You have to gather the people, check them in and clear them during internation flights. Then you have to load everybody on a boat, ship them to the platform X miles into sea, unload them, take them up the big tower, letting them board and settle and depending on how predicatable this is, wait for clearance to take off.

Now is the short flight.

And afterwards we can do the entire thing in reverse.

Some things might be a bit more optimized, like perform customs, safety instructions etc during the boat trip. But the entire trip from arriving at the sea/space-port until leaving it at the destination would probably be making this a diminishing returns and only really interesting for the extremely long flights.

3 comments

That's a good way to explain Amdahl's law to people: no matter if you travel by plane or by rocket, you don't save that much time if you still have to deal with the TSA.
Let's optimize it a bit:

- Get everybody on a boat in NYC harbor with ferry level security (i.e. not much)

- As the boat is travelling to the platform, perform the more thorough check in, any security scans, etc. Everyone simultaneously straps down in their seats, last minute toilet runs etc.

- Slot the passenger capsule into the rocket like a cartridge and take-off immediately at arrival. Plot twist: the capsule was on the boat. Passengers might not even get to see the rocket.

I like the whole cartridge idea and that would surely help get the human component out of the whole thing.

If this were to happen I would imagine it to not be a capsule, but simply entire rows of chairs.

The main killer would still be the whole transit between the harbor and the rocket, but this could probably shave about half an hour.

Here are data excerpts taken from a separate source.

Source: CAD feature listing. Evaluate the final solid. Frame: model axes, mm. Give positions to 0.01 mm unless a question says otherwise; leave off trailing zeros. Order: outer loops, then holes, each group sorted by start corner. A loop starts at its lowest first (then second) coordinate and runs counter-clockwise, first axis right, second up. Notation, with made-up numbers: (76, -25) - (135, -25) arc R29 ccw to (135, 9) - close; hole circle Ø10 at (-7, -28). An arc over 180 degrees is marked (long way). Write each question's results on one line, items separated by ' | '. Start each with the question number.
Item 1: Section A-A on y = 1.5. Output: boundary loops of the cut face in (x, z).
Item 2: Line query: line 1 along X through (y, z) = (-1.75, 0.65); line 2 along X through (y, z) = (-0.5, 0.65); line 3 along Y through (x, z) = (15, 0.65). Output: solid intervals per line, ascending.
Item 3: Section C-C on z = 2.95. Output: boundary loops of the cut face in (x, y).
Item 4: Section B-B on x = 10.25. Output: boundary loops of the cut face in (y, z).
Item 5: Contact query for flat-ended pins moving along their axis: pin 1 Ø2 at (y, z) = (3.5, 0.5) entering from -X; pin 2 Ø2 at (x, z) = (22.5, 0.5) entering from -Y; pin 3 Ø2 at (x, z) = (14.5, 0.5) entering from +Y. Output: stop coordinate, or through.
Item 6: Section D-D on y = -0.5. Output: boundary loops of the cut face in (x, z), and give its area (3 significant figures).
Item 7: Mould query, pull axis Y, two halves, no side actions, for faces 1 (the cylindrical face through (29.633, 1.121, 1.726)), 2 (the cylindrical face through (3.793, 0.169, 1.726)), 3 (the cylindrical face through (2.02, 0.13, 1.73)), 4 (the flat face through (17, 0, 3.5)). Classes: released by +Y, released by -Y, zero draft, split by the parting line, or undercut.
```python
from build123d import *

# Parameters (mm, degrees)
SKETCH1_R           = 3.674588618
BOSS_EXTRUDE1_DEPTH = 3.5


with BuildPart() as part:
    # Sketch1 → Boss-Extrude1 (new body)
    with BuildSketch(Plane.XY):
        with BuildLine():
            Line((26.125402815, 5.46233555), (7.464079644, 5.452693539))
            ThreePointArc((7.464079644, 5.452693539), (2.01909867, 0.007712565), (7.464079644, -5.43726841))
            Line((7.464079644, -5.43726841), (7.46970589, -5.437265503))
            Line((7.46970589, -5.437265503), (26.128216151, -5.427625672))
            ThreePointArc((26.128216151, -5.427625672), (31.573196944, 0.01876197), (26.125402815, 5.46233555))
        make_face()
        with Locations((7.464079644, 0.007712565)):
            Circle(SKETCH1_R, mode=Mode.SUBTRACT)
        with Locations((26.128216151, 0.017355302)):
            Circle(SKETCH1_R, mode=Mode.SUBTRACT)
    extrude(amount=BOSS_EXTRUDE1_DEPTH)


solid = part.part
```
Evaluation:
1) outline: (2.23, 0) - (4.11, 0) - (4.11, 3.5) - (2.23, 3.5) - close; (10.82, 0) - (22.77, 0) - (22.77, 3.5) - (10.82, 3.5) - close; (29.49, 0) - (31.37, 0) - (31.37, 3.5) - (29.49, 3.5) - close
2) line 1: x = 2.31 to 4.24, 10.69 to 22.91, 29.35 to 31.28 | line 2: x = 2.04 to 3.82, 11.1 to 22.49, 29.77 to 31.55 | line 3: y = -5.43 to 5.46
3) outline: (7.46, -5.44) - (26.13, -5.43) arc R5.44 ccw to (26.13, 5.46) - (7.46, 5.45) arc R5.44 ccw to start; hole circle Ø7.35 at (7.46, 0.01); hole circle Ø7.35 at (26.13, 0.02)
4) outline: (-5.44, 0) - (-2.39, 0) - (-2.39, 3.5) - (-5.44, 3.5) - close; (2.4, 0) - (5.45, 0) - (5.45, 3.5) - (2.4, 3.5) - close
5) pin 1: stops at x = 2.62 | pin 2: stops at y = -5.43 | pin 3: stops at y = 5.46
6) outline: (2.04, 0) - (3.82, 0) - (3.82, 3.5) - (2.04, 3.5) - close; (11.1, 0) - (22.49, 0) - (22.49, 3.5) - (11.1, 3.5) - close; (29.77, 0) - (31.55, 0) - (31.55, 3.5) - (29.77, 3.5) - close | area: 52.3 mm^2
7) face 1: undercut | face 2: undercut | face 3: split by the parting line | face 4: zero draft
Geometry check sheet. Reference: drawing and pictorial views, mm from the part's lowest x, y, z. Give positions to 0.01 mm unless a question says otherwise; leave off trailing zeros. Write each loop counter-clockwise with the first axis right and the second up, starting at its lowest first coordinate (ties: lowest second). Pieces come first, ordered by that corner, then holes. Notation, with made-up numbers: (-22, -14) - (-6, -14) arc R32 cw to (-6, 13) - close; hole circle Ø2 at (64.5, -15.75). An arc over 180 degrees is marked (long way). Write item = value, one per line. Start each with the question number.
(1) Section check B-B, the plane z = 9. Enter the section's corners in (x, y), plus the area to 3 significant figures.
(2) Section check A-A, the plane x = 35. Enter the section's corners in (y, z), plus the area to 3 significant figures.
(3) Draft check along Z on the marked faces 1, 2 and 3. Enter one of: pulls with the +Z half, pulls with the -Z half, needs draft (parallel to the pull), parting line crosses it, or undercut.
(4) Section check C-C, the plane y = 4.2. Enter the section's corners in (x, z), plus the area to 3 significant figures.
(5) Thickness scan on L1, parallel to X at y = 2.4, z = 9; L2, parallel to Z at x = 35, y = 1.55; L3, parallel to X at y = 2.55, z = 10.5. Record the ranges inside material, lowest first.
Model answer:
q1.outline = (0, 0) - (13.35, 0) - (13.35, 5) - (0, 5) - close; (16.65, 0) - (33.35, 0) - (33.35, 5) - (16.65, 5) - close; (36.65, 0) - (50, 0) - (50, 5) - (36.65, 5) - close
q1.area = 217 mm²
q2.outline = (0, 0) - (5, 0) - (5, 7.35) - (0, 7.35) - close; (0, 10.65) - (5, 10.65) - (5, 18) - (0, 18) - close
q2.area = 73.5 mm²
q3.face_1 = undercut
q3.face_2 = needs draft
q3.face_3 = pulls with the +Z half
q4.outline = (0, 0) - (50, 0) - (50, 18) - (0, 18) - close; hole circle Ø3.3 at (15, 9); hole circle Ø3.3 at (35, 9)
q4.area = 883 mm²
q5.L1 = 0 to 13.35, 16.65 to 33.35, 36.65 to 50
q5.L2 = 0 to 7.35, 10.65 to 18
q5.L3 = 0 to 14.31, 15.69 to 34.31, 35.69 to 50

At the moment there's lots of time wasted walking to some gate at the far end of a massive airport. There's only one company here and one or two flights that go straight up and don't need to taxi. So the travel time in the boat won't be much more than the walk from the terminal to the gate.
Possibly, but decreasing the flight time still won't take much out of the equation that would make it a net win against normal aircrafts.

That's not saying there is no market for something like this, but for anything but the longest flights it's going to be a very specific kind of customer.